[Deathpenalty] death penalty news----TEXAS, TENN., FLA., CALIF.
Rick Halperin
rhalperi at mail.smu.edu
Tue Oct 21 22:40:45 CDT 2008
Oct. 21
TEXAS----execution
Northeast Texas man executed for burglary-slaying
Condemned inmate Joseph Ries was executed Tuesday evening for the slaying
of a 64-year-old Northeast Texas man during a burglary almost a decade
ago.
Ries expressed love to friends who watched through a death chamber window
and urged them to stay strong because "Jesus is coming back soon."
Looking toward another window, he told 2 daughters of his victim he was
"really sorry for what I've done." Ries said he prayed that they would
find peace through God.
"I hope he heals your heart. The truth is that you are going to feel empty
after tonight. Standing with Christ in your heart, he can only give you
peace. I pray you can find it. I really do."

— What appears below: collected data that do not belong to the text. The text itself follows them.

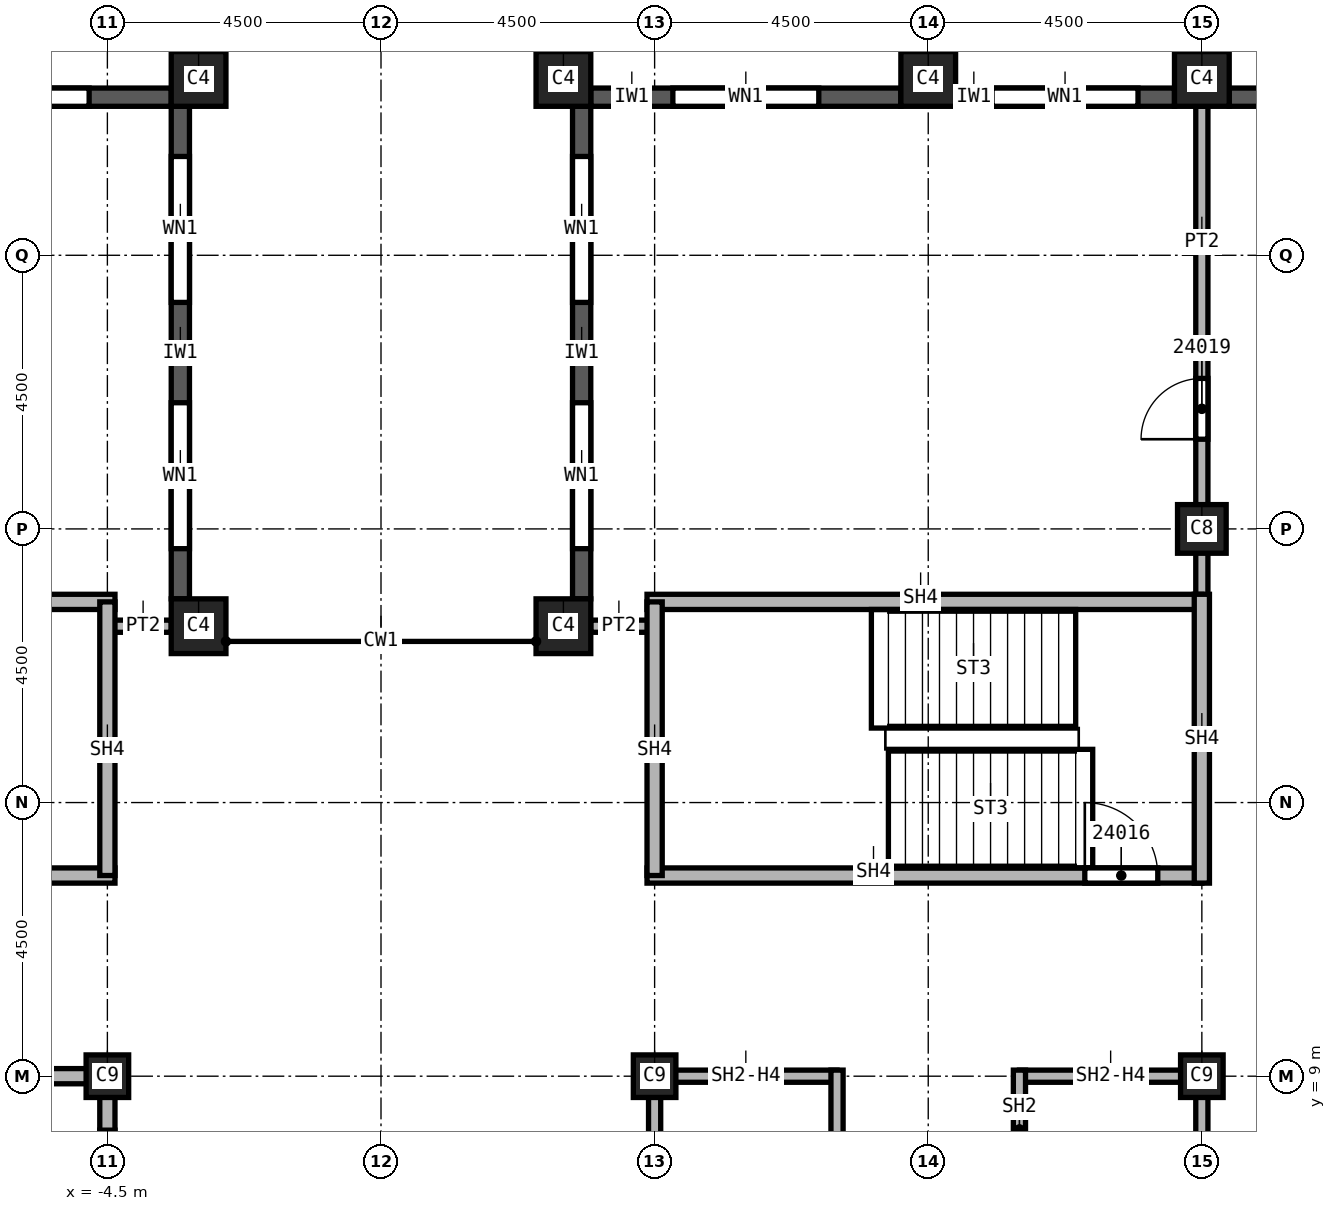
"""IFC4 building model, lengths in metres.
Left out: names, types, materials, properties, quantities, classifications, styles, units other than length and angle.
Written with IfcOpenShell. Run it as: python <this file> out.ifc"""

import sys

from ifc_helpers import new_model, si_unit, direction, frame, frame_2d, origin, origin_2d, place, context, subcontext, project, spatial, rectangle, extrude, element, fill, save


model = new_model("IFC4")
c1 = context("Model", 3, precision=1e-05, world=origin(), true_north=direction((0.0, 1.0)))
c2 = subcontext(c1, "Body", "Model", "MODEL_VIEW")
j1 = project(units=[si_unit("LENGTHUNIT", "METRE"), si_unit("PLANEANGLEUNIT", "RADIAN")], contexts=[c1])
p1 = place(None, origin())
s1 = spatial("IfcSite", under=j1, at=p1, CompositionType="ELEMENT")
p2 = place(p1, origin())
s2 = spatial("IfcBuilding", under=s1, at=p2, CompositionType="ELEMENT")
p3 = place(p2, frame((0.0, 0.0, 338.0)))
s3 = spatial("IfcBuildingStorey", under=s2, at=p3, CompositionType="ELEMENT", Elevation=338.0)
p4 = place(p3, frame((13.5, 18.0, 0.0), z_axis=(0.0, 0.0, 1.0), x_axis=(1.0, 0.0, 0.0)))
e1 = element("IfcColumn", 1, at=p4, inside=s3, PredefinedType="COLUMN", context=c2, shape_type="SweptSolid", body=[
    extrude(rectangle(XDim=0.8, YDim=0.8, at=origin_2d()), origin(), (0.0, 0.0, 1.0), 3.74),
])
for number, where, z_axis, x_axis in (
    (2, (4.5, 9.0, 0.0), (0.0, 0.0, 1.0), (1.0, 0.0, 0.0)),
    (3, (13.5, 9.0, 0.0), (0.0, 0.0, 1.0), (1.0, 0.0, 0.0)),
    (4, (-4.5, 9.0, 0.0), (0.0, 0.0, 1.0), (1.0, 0.0, 0.0)),
):
    element("IfcColumn", number, at=place(p3, frame(where, z_axis=z_axis, x_axis=x_axis)), inside=s3, PredefinedType="COLUMN", context=c2, shape_type="SweptSolid", body=[
        extrude(rectangle(XDim=0.7, YDim=0.7, at=origin_2d()), origin(), (0.0, 0.0, 1.0), 3.74),
    ])
for number, where, z_axis, x_axis in (
    (5, (3.0, 25.4, 0.0), (0.0, 0.0, 1.0), (1.0, 0.0, 0.0)),
    (6, (9.0, 25.4, 0.0), (0.0, 0.0, 1.0), (1.0, 0.0, 0.0)),
    (7, (13.5, 25.4, 0.0), (0.0, 0.0, 1.0), (1.0, 0.0, 0.0)),
    (8, (-3.0, 25.4, 0.0), (0.0, 0.0, 1.0), (1.0, 0.0, 0.0)),
    (9, (3.0, 16.4, 0.0), (0.0, 0.0, 1.0), (1.0, 0.0, 0.0)),
    (10, (-3.0, 16.4, 0.0), (0.0, 0.0, 1.0), (1.0, 0.0, 0.0)),
):
    element("IfcColumn", number, at=place(p3, frame(where, z_axis=z_axis, x_axis=x_axis)), inside=s3, PredefinedType="COLUMN", context=c2, shape_type="SweptSolid", body=[
        extrude(rectangle(XDim=0.9, YDim=0.9, at=origin_2d()), origin(), (0.0, 0.0, 1.0), 3.74),
    ])
p5 = place(p3, frame((17.55, 25.1, 0.0), z_axis=(0.0, 0.0, 1.0), x_axis=(-1.0, 0.0, 0.0)))
e11 = element("IfcWall", 11, at=p5, inside=s3, PredefinedType="SOLIDWALL", context=c2, shape_type="SweptSolid", body=[
    extrude(rectangle(XDim=3.6, YDim=0.3, at=frame_2d((1.8, 0.0))), origin(), (0.0, 0.0, 1.0), 3.14),
])
p6 = place(p5, frame((0.775, 0.0, 0.8)))
e12 = element("IfcOpeningElement", 12, at=p6, cuts=e11, PredefinedType="OPENING", context=c2, shape_type="SweptSolid", body=[
    extrude(rectangle(XDim=1.0, YDim=1.95, at=frame_2d((0.5, 0.975))), frame((0.0, 0.15, 0.0), z_axis=(0.0, -1.0, 0.0), x_axis=(1.0, 0.0, 0.0)), (0.0, 0.0, 1.0), 0.3),
])
p7 = place(p5, frame((2.375, 0.0, 0.8)))
e13 = element("IfcOpeningElement", 13, at=p7, cuts=e11, PredefinedType="OPENING", context=c2, shape_type="SweptSolid", body=[
    extrude(rectangle(XDim=0.6, YDim=1.95, at=frame_2d((0.3, 0.975))), frame((0.0, 0.15, 0.0), z_axis=(0.0, -1.0, 0.0), x_axis=(1.0, 0.0, 0.0)), (0.0, 0.0, 1.0), 0.3),
])
p8 = place(p3, frame((13.05, 25.1, 0.0), z_axis=(0.0, 0.0, 1.0), x_axis=(-1.0, 0.0, 0.0)))
e14 = element("IfcWall", 14, at=p8, inside=s3, PredefinedType="SOLIDWALL", context=c2, shape_type="SweptSolid", body=[
    extrude(rectangle(XDim=3.6, YDim=0.3, at=frame_2d((1.8, 0.0))), origin(), (0.0, 0.0, 1.0), 3.14),
])
p9 = place(p8, frame((0.6, 0.0, 0.8)))
e15 = element("IfcOpeningElement", 15, at=p9, cuts=e14, PredefinedType="OPENING", context=c2, shape_type="SweptSolid", body=[
    extrude(rectangle(XDim=2.4, YDim=1.95, at=frame_2d((1.2, 0.975))), frame((0.0, 0.15, 0.0), z_axis=(0.0, -1.0, 0.0), x_axis=(1.0, 0.0, 0.0)), (0.0, 0.0, 1.0), 0.3),
])
p10 = place(p3, frame((8.55, 25.1, 0.0), z_axis=(0.0, 0.0, 1.0), x_axis=(-1.0, 0.0, 0.0)))
e16 = element("IfcWall", 16, at=p10, inside=s3, PredefinedType="SOLIDWALL", context=c2, shape_type="SweptSolid", body=[
    extrude(rectangle(XDim=5.1, YDim=0.3, at=frame_2d((2.55, 0.0))), origin(), (0.0, 0.0, 1.0), 3.14),
])
p11 = place(p10, frame((1.35, 0.0, 0.8)))
e17 = element("IfcOpeningElement", 17, at=p11, cuts=e16, PredefinedType="OPENING", context=c2, shape_type="SweptSolid", body=[
    extrude(rectangle(XDim=2.4, YDim=1.95, at=frame_2d((1.2, 0.975))), frame((0.0, 0.15, 0.0), z_axis=(0.0, -1.0, 0.0), x_axis=(1.0, 0.0, 0.0)), (0.0, 0.0, 1.0), 0.3),
])
p12 = place(p3, frame((3.3, 24.95, 0.0), z_axis=(0.0, 0.0, 1.0), x_axis=(0.0, -1.0, 0.0)))
e18 = element("IfcWall", 18, at=p12, inside=s3, PredefinedType="SOLIDWALL", context=c2, shape_type="SweptSolid", body=[
    extrude(rectangle(XDim=8.1, YDim=0.3, at=frame_2d((4.05, 0.0))), origin(), (0.0, 0.0, 1.0), 3.14),
])
p13 = place(p12, frame((0.825, 0.0, 0.8)))
e19 = element("IfcOpeningElement", 19, at=p13, cuts=e18, PredefinedType="OPENING", context=c2, shape_type="SweptSolid", body=[
    extrude(rectangle(XDim=2.4, YDim=1.95, at=frame_2d((1.2, 0.975))), frame((0.0, 0.15, 0.0), z_axis=(0.0, -1.0, 0.0), x_axis=(1.0, 0.0, 0.0)), (0.0, 0.0, 1.0), 0.3),
])
p14 = place(p12, frame((4.875, 0.0, 0.8)))
e20 = element("IfcOpeningElement", 20, at=p14, cuts=e18, PredefinedType="OPENING", context=c2, shape_type="SweptSolid", body=[
    extrude(rectangle(XDim=2.4, YDim=1.95, at=frame_2d((1.2, 0.975))), frame((0.0, 0.15, 0.0), z_axis=(0.0, -1.0, 0.0), x_axis=(1.0, 0.0, 0.0)), (0.0, 0.0, 1.0), 0.3),
])
p15 = place(p3, frame((-3.3, 16.85, 0.0), z_axis=(0.0, 0.0, 1.0), x_axis=(0.0, 1.0, 0.0)))
e21 = element("IfcWall", 21, at=p15, inside=s3, PredefinedType="SOLIDWALL", context=c2, shape_type="SweptSolid", body=[
    extrude(rectangle(XDim=8.1, YDim=0.3, at=frame_2d((4.05, 0.0))), origin(), (0.0, 0.0, 1.0), 3.14),
])
p16 = place(p15, frame((0.825, 0.0, 0.8)))
e22 = element("IfcOpeningElement", 22, at=p16, cuts=e21, PredefinedType="OPENING", context=c2, shape_type="SweptSolid", body=[
    extrude(rectangle(XDim=2.4, YDim=1.95, at=frame_2d((1.2, 0.975))), frame((0.0, 0.15, 0.0), z_axis=(0.0, -1.0, 0.0), x_axis=(1.0, 0.0, 0.0)), (0.0, 0.0, 1.0), 0.3),
])
p17 = place(p15, frame((4.875, 0.0, 0.8)))
e23 = element("IfcOpeningElement", 23, at=p17, cuts=e21, PredefinedType="OPENING", context=c2, shape_type="SweptSolid", body=[
    extrude(rectangle(XDim=2.4, YDim=1.95, at=frame_2d((1.2, 0.975))), frame((0.0, 0.15, 0.0), z_axis=(0.0, -1.0, 0.0), x_axis=(1.0, 0.0, 0.0)), (0.0, 0.0, 1.0), 0.3),
])
p18 = place(p3, frame((-3.45, 25.1, 0.0), z_axis=(0.0, 0.0, 1.0), x_axis=(-1.0, 0.0, 0.0)))
e24 = element("IfcWall", 24, at=p18, inside=s3, PredefinedType="SOLIDWALL", context=c2, shape_type="SweptSolid", body=[
    extrude(rectangle(XDim=5.1, YDim=0.3, at=frame_2d((2.55, 0.0))), origin(), (0.0, 0.0, 1.0), 3.14),
])
p19 = place(p18, frame((1.35, 0.0, 0.8)))
e25 = element("IfcOpeningElement", 25, at=p19, cuts=e24, PredefinedType="OPENING", context=c2, shape_type="SweptSolid", body=[
    extrude(rectangle(XDim=2.4, YDim=1.95, at=frame_2d((1.2, 0.975))), frame((0.0, 0.15, 0.0), z_axis=(0.0, -1.0, 0.0), x_axis=(1.0, 0.0, 0.0)), (0.0, 0.0, 1.0), 0.3),
])
for number, where, z_axis, x_axis in (
    (26, (-4.5, 16.4, 0.0), (0.0, 0.0, 1.0), (1.0, 0.0, 0.0)),
    (27, (3.45, 16.4, 0.0), (0.0, 0.0, 1.0), (1.0, 0.0, 0.0)),
):
    element("IfcWall", number, at=place(p3, frame(where, z_axis=z_axis, x_axis=x_axis)), inside=s3, PredefinedType="PARTITIONING", context=c2, shape_type="SweptSolid", body=[
        extrude(rectangle(XDim=1.05, YDim=0.2, at=frame_2d((0.525, 0.0))), origin(), (0.0, 0.0, 1.0), 3.74),
    ])
p20 = place(p3, frame((13.5, 16.675, 0.0), z_axis=(0.0, 0.0, 1.0), x_axis=(0.0, 1.0, 0.0)))
e28 = element("IfcWall", 28, at=p20, inside=s3, PredefinedType="PARTITIONING", context=c2, shape_type="SweptSolid", body=[
    extrude(rectangle(XDim=8.275, YDim=0.2, at=frame_2d((4.137, 0.0))), origin(), (0.0, 0.0, 1.0), 3.74),
])
p21 = place(p20, frame((2.8, 0.0, 0.0)))
e29 = element("IfcOpeningElement", 29, at=p21, cuts=e28, PredefinedType="OPENING", context=c2, shape_type="SweptSolid", body=[
    extrude(rectangle(XDim=1.0, YDim=2.1, at=frame_2d((0.5, 1.05))), frame((0.0, 0.1, 0.0), z_axis=(0.0, -1.0, 0.0), x_axis=(1.0, 0.0, 0.0)), (0.0, 0.0, 1.0), 0.2),
])
p22 = place(p3, frame((4.5, -6.0, 0.0), z_axis=(0.0, 0.0, 1.0), x_axis=(0.0, 1.0, 0.0)))
e30 = element("IfcWall", 30, at=p22, inside=s3, PredefinedType="SOLIDWALL", context=c2, shape_type="SweptSolid", body=[
    extrude(rectangle(XDim=15.1, YDim=0.2, at=frame_2d((7.55, 0.0))), origin(), (0.0, 0.0, 1.0), 3.062),
])
p23 = place(p22, frame((1.6, 0.0, 0.0)))
e31 = element("IfcOpeningElement", 31, at=p23, cuts=e30, PredefinedType="OPENING", context=c2, shape_type="SweptSolid", body=[
    extrude(rectangle(XDim=1.1, YDim=2.1, at=frame_2d((0.55, 1.05))), frame((0.0, 0.1, 0.0), z_axis=(0.0, -1.0, 0.0), x_axis=(1.0, 0.0, 0.0)), (0.0, 0.0, 1.0), 0.2),
])
p24 = place(p22, frame((8.2, 0.0, 0.0)))
e32 = element("IfcOpeningElement", 32, at=p24, cuts=e30, PredefinedType="OPENING", context=c2, shape_type="SweptSolid", body=[
    extrude(rectangle(XDim=1.1, YDim=2.1, at=frame_2d((0.55, 1.05))), frame((0.0, 0.1, 0.0), z_axis=(0.0, -1.0, 0.0), x_axis=(1.0, 0.0, 0.0)), (0.0, 0.0, 1.0), 0.2),
])
p25 = place(p3, frame((4.5, 9.0, 0.0), z_axis=(0.0, 0.0, 1.0), x_axis=(1.0, 0.0, 0.0)))
e33 = element("IfcWall", 33, at=p25, inside=s3, PredefinedType="SOLIDWALL", context=c2, shape_type="SweptSolid", body=[
    extrude(rectangle(XDim=3.0, YDim=0.2, at=frame_2d((1.5, 0.0))), origin(), (0.0, 0.0, 1.0), 3.062),
])
p26 = place(p3, frame((7.5, 9.1, 0.0), z_axis=(0.0, 0.0, 1.0), x_axis=(0.0, -1.0, 0.0)))
e34 = element("IfcWall", 34, at=p26, inside=s3, PredefinedType="SOLIDWALL", context=c2, shape_type="SweptSolid", body=[
    extrude(rectangle(XDim=6.225, YDim=0.2, at=frame_2d((3.113, 0.0))), origin(), (0.0, 0.0, 1.0), 3.74),
])
p27 = place(p3, frame((10.5, 9.0, 0.0), z_axis=(0.0, 0.0, 1.0), x_axis=(1.0, 0.0, 0.0)))
e35 = element("IfcWall", 35, at=p27, inside=s3, PredefinedType="SOLIDWALL", context=c2, shape_type="SweptSolid", body=[
    extrude(rectangle(XDim=3.0, YDim=0.2, at=frame_2d((1.5, 0.0))), origin(), (0.0, 0.0, 1.0), 3.062),
])
p28 = place(p3, frame((10.5, 9.1, 0.0), z_axis=(0.0, 0.0, 1.0), x_axis=(0.0, -1.0, 0.0)))
e36 = element("IfcWall", 36, at=p28, inside=s3, PredefinedType="SOLIDWALL", context=c2, shape_type="SweptSolid", body=[
    extrude(rectangle(XDim=3.225, YDim=0.2, at=frame_2d((1.613, 0.0))), origin(), (0.0, 0.0, 1.0), 3.74),
])
p29 = place(p28, frame((1.75, 0.0, 0.0)))
e37 = element("IfcOpeningElement", 37, at=p29, cuts=e36, PredefinedType="OPENING", context=c2, shape_type="SweptSolid", body=[
    extrude(rectangle(XDim=1.1, YDim=2.1, at=frame_2d((0.55, 1.05))), frame((0.0, 0.1, 0.0), z_axis=(0.0, -1.0, 0.0), x_axis=(1.0, 0.0, 0.0)), (0.0, 0.0, 1.0), 0.2),
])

As the lethal drugs began flowing, he started to sing a hymn. "Our God is
an Awesome God," he sang. "Lord I lift your name on high." He then slipped
into unconsciousness and was pronounced dead 7 minutes later at 6:17 p.m.
CDT.
Ries, 29, was executed for breaking into the rural Hopkins County home of
Robert Ratliff, fatally shooting him as the man slept, then driving off in
the victim's car.
The U.S. Supreme Court rejected appeals by Ries' lawyer, James Terry Jr.,
who wanted the court to halt the punishment and examine the case,
contending among his arguments that Ries' rights were violated because his
earlier appeals were handled by an incompetent attorney. Terry also argued
Ries' trial lawyer failed to adequately show jurors how Ries was raised by
a drug-addicted and alcoholic mother whose parental rights twice were
revoked, and how Ries was abused in some of the dozen foster homes where
lived.
"We've got a system that's broken and at every level it's been broken for
him," Terry said. He acknowledged the crime was horrible but contended
Ries' life had been "shaped by the failures of those whose legal and moral
duty was to help him.".
Ries had lived at Ratliff's home in Cumby, about 65 miles northeast of
Dallas, but Ratliff kicked him out after he suspected Ries of stealing
some items.
On Feb. 18, 1999, Ries stole Ratliff's farm pickup for a trip to San
Antonio. He and a friend, Christopher Lee White, also 19 at the time,
returned 3 days later to take Ratliff's Lincoln Continental because the
truck got poor gas mileage.
Ratliff wasn't home, so they broke in and stole 2 rifles, drove the pickup
into a pond until it sank, then waited behind a barn until he came home
and went to sleep. Ratliff was shot, then they drove off in his Lincoln.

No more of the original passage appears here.